L’un des principaux axes de développement de Udemy est, à l’instar de Pluralsight, d’opérer une mutation d’un business B2C, difficile et coûteux à pénétrer, à un modèle B2B. Les entreprises peuvent disposer d’un accès illimité à plus de 4000 cours pour la modique somme de 360$ par an et par utilisateur.
Les fondateurs, d’origine turque (eh oui, l’immigration apporte énormément à la scène entrepreneuriale nord-américaine !), sont très présents sur Twitter où ils partagent leurs aventures entrepreneuriales, à suivre sur @erenbali et @gaganbiyani. Ce dernier a notamment partagé une série de tweets concernant Udemy, et la manière dont il s’est fait remercier.
🇺🇸 Course Hero 🇺🇸
Valorisation : 1,1 milliard de dollars
Création : 2006
Montant levé : 27,4 millions de dollars
Imaginez une plateforme d’apprentissage participative où vous avez accès à des briques de cours de toutes les universités si vous décidez d’y contribuer. C’est ce que réalise Course Hero, qui a rejoint récemment le club des licornes suite à une très modeste levée de fonds de 10 millions de dollars, menée par NewView Capital, un fonds spin-out de NEA (New Enterprise Associates).
Contrairement à ses pairs, Course Hero revendique d’être rentable depuis longtemps. Son CEO, Andrew Grauer affirme que Course Hero gagne effectivement de l’argent depuis 2012. En 2019, la startup basée à Redwood City, au nord de la Silicon Valley, et composée de 200 employés, revendique un chiffre d’affaires supérieur à 100 millions de dollars. Son revenu provient de son million d’utilisateurs déboursant entre 10 et 40 dollars par mois pour avoir accès aux 40 millions de ressources partagées.

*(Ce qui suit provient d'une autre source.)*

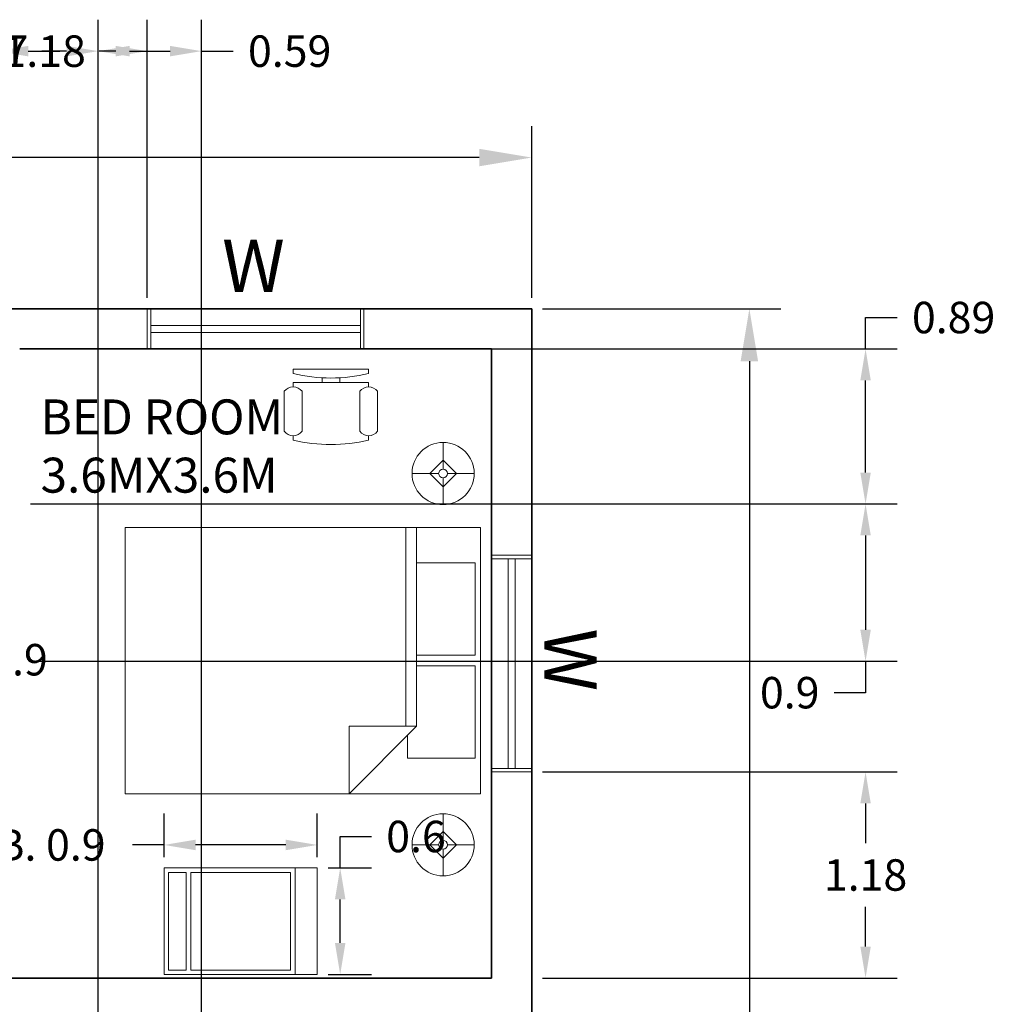
# Model space of a CAD drawing. Units: metres. Extents: x 40.9 to 56.1, y -1.4 to 24.2.
# Tile 7 of 7: x 49.6 to 55.2, y 18.6 to 24.2. Entities that reach past the tile are written whole.
import ezdxf

# ---------------------------------------------------------------- set-up
doc = ezdxf.new("R2010")
doc.units = ezdxf.units.M
doc.header["$MEASUREMENT"] = 0
for name, color, linetype, lineweight in [('A-ANNO-DIMS', 2, 'Continuous', 18), ('A-ANNO-TEXT', 7, 'Continuous', 18), ('A-AREA-IDEN', 7, 'Continuous', 18), ('A-FLOR-CASE', 9, 'Continuous', 18), ('A-FURN', 8, 'Continuous', 18), ('A-GLAZ', 4, 'Continuous', 18), ('A-WALL', 7, 'Continuous', 35)]:
    doc.layers.add(name, color=color, linetype=linetype, lineweight=lineweight)
doc.styles.get("Standard").update_dxf_attribs({"font": 'arial.ttf'})
doc.dimstyles.get("Standard").update_dxf_attribs({"dimtxt": 0.18, "dimasz": 0.18, "dimexe": 0.18, "dimexo": 0.0625, "dimgap": 0.09, "dimtad": 0, "dimtih": 1, "dimtoh": 1, "dimdec": 1, "dimzin": 0, "dimdsep": 46, "dimtxsty": 'Standard', "dimcen": 0.09, "dimadec": 0, "dimazin": 0, "dimtfac": 1, "dimtdec": 1, "dimtofl": 0, "dimtmove": 0, "dimatfit": 3, "dimfxl": 1, "dimtolj": 1, "dimtzin": 0, "dimarcsym": 0})

# ---------------------------------------------------------------- blocks, each defined once
blk = doc.blocks.new('Bed - Queen')
for p, q in [((0, -80.00003), (0, 0)), ((0, 0), (59.99999, 0)), ((59.99999, 0), (59.99999, -80.00003)), ((7.99999, -1.2), (28.79998, -1.2)), ((7.99999, -14.4), (7.99999, -1.2)), ((28.79998, -1.2), (28.79998, -14.4)), ((31.19999, -1.2), (51.99999, -1.2)), ((31.19999, -14.4), (31.19999, -1.2)), ((51.99999, -1.2), (51.99999, -16.4)), ((0, -14.4), (44.8, -14.4)), ((59.99999, -29.6), (44.8, -14.4)), ((44.8, -14.4), (44.8, -29.6)), ((44.8, -16.8), (0, -16.8)), ((51.99999, -16.4), (46.79936, -16.4)), ((44.8, -29.6), (59.99999, -29.6)), ((59.99999, -80.00003), (0, -80.00003))]:
    blk.add_line(p, q)
blk = doc.blocks.new('Lamp - Table')
for p, q in [((0, 7), (0, 1)), ((0, 3), (-3, 0)), ((3, 0), (0, 3)), ((-1, 0), (-7, 0)), ((-3, 0), (0, -3)), ((0, -3), (3, 0)), ((1, 0), (7, 0)), ((0, -1), (0, -7))]:
    blk.add_line(p, q)
for radius in [7, 1]:
    blk.add_circle((0, 0), radius)
blk = doc.blocks.new('Chair - Desk')
for p, q in [((-8.5, 0), (-8.5, -1)), ((-8.5, 0), (8.5, 0)), ((8.5, 0), (8.5, -1)), ((-2, -3), (-2, -1.9355)), ((2, -1.9576), (2, -3)), ((-8.5, -3), (-8.5, -4)), ((-8.5, -3), (8.5, -3)), ((8.5, -3), (8.5, -4)), ((-10.5, -5), (-10.5, -14)), ((-6.5, -14), (-6.5, -5)), ((6.5, -5), (6.5, -14)), ((10.5, -14), (10.5, -5)), ((-8.5, -15), (-8.5, -16)), ((8.5, -15), (8.5, -16))]:
    blk.add_line(p, q)
for centre, radius, start, end in [((0, 34.625), 36.625, 256.5803, 283.4197), ((-8.5, -6.5), 2.5, 36.8699, 143.1301), ((8.5, -6.5), 2.5, 36.8699, 143.1301), ((-8.5, -12.5), 2.5, 216.8699, 323.1301), ((8.5, -12.5), 2.5, 216.8699, 323.1301), ((0, 19.625), 36.625, 256.5803, 283.4197)]:
    blk.add_arc(centre, radius, start, end)
blk = doc.blocks.new('Base Cabinet 1 Door - 24 in front')
for p, q in [((0, 0), (0, 34.5)), ((0, 34.5), (24, 34.5)), ((1, 29.5), (1, 33.5)), ((1, 33.5), (23, 33.5)), ((23, 33.5), (23, 29.5)), ((24, 34.5), (24, 0)), ((1, 29.5), (23, 29.5)), ((23, 28.5), (1, 28.5)), ((1, 6), (1, 28.5)), ((23, 28.5), (23, 6)), ((0, 5), (24, 5)), ((23, 6), (1, 6)), ((24, 0), (0, 0))]:
    blk.add_line(p, q)
blk = doc.blocks.new('*D45')
at = {"layer": 'A-ANNO-DIMS', "color": 0, "lineweight": -2, "transparency": 16777216}
for p, q in [((45.2552, 22.6498), (45.2552, 23.6329)), ((52.5152, 22.6498), (52.5152, 23.6329)), ((45.5552, 23.4529), (48.5233, 23.4529)), ((52.2152, 23.4529), (49.2471, 23.4529))]:
    blk.add_line(p, q, dxfattribs=at)
at = {"layer": 'A-ANNO-DIMS', "color": 0, "transparency": 16777216}
for points in [[(45.5552, 23.5029), (45.5552, 23.4029), (45.2552, 23.4529)], [(52.2152, 23.5029), (52.2152, 23.4029), (52.5152, 23.4529)]]:
    blk.add_solid(points, dxfattribs=at)
at = {"layer": 'Defpoints', "color": 0, "transparency": 16777216}
for p in [(52.5152, 23.4529), (45.2552, 22.5873), (52.5152, 22.5873)]:
    blk.add_point(p, dxfattribs=at)
at = {"layer": 'A-ANNO-DIMS', "color": 0, "transparency": 16777216, "insert": (48.8852, 23.4529), "char_height": 0.3, "attachment_point": 5}
blk.add_mtext('\\A1;7.3', dxfattribs=at)
blk = doc.blocks.new('*D46')
at = {"layer": 'A-ANNO-DIMS', "color": 0, "lineweight": -2, "transparency": 16777216}
for p, q in [((52.5777, 22.5873), (53.9408, 22.5873)), ((53.7608, 22.2873), (53.7608, 15.8755)), ((53.7608, 8.9773), (53.7608, 15.389)), ((52.5777, 8.6773), (53.9408, 8.6773))]:
    blk.add_line(p, q, dxfattribs=at)
at = {"layer": 'A-ANNO-DIMS', "color": 0, "transparency": 16777216}
for points in [[(53.7108, 22.2873), (53.8108, 22.2873), (53.7608, 22.5873)], [(53.7108, 8.9773), (53.8108, 8.9773), (53.7608, 8.6773)]]:
    blk.add_solid(points, dxfattribs=at)
at = {"layer": 'Defpoints', "color": 0, "transparency": 16777216}
for p in [(52.5152, 22.5873), (52.5152, 8.6773), (53.7608, 8.6773)]:
    blk.add_point(p, dxfattribs=at)
at = {"layer": 'A-ANNO-DIMS', "color": 0, "transparency": 16777216, "insert": (53.7608, 15.6323), "char_height": 0.3, "attachment_point": 5}
blk.add_mtext('\\A1;13.9', dxfattribs=at)
blk = doc.blocks.new('WIN-1200-PLAN')
for p, q in [((-0.0002, 0.0003), (-0.0002, 0.2303)), ((0.0198, 0.0003), (0.0198, 0.2303)), ((1.2198, 0.0003), (1.2198, 0.2303)), ((1.2398, 0.0003), (1.2398, 0.2303)), ((0.0198, 0.1353), (1.2198, 0.1353)), ((0.0198, 0.0953), (1.2198, 0.0953))]:
    blk.add_line(p, q)
blk = doc.blocks.new('*D94')
at = {"layer": 'A-ANNO-DIMS', "color": 0, "lineweight": -2, "transparency": 16777216}
for p, q in [((48.227, 20.7453), (48.227, 20.3992)), ((49.1414, 20.7453), (49.1414, 20.3992)), ((48.407, 20.5792), (48.9614, 20.5792)), ((49.1414, 20.5792), (49.3214, 20.5792))]:
    blk.add_line(p, q, dxfattribs=at)
at = {"layer": 'A-ANNO-DIMS', "color": 0, "transparency": 16777216}
for points in [[(48.407, 20.6092), (48.407, 20.5492), (48.227, 20.5792)], [(48.9614, 20.6092), (48.9614, 20.5492), (49.1414, 20.5792)]]:
    blk.add_solid(points, dxfattribs=at)
at = {"layer": 'Defpoints', "color": 0, "transparency": 16777216}
for p in [(48.227, 20.8078), (49.1414, 20.8078), (49.1414, 20.5792)]:
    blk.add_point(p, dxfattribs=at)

Protégée par le Digital Millennium Copyright Act, Course Hero retire sous deux jours ouvrés les contenus soupçonnés d’enfreindre les droits d’auteur des professeurs. Pour ces derniers, Course Hero a également créé une plateforme qui leur est réservée, où ils peuvent librement échanger des contenus de cours, de tests, etc. Cette plateforme réservée aux membres des facultés réunit d’ores et déjà plus de 30 000 académiques.
A l’instar de Chegg, Course Hero s’est diversifié depuis dans une offre de tutorat accessible 24/7, avec la promesse d’une réponse très rapide, parfois dans les 15 minutes suivant la soumission d’un problème.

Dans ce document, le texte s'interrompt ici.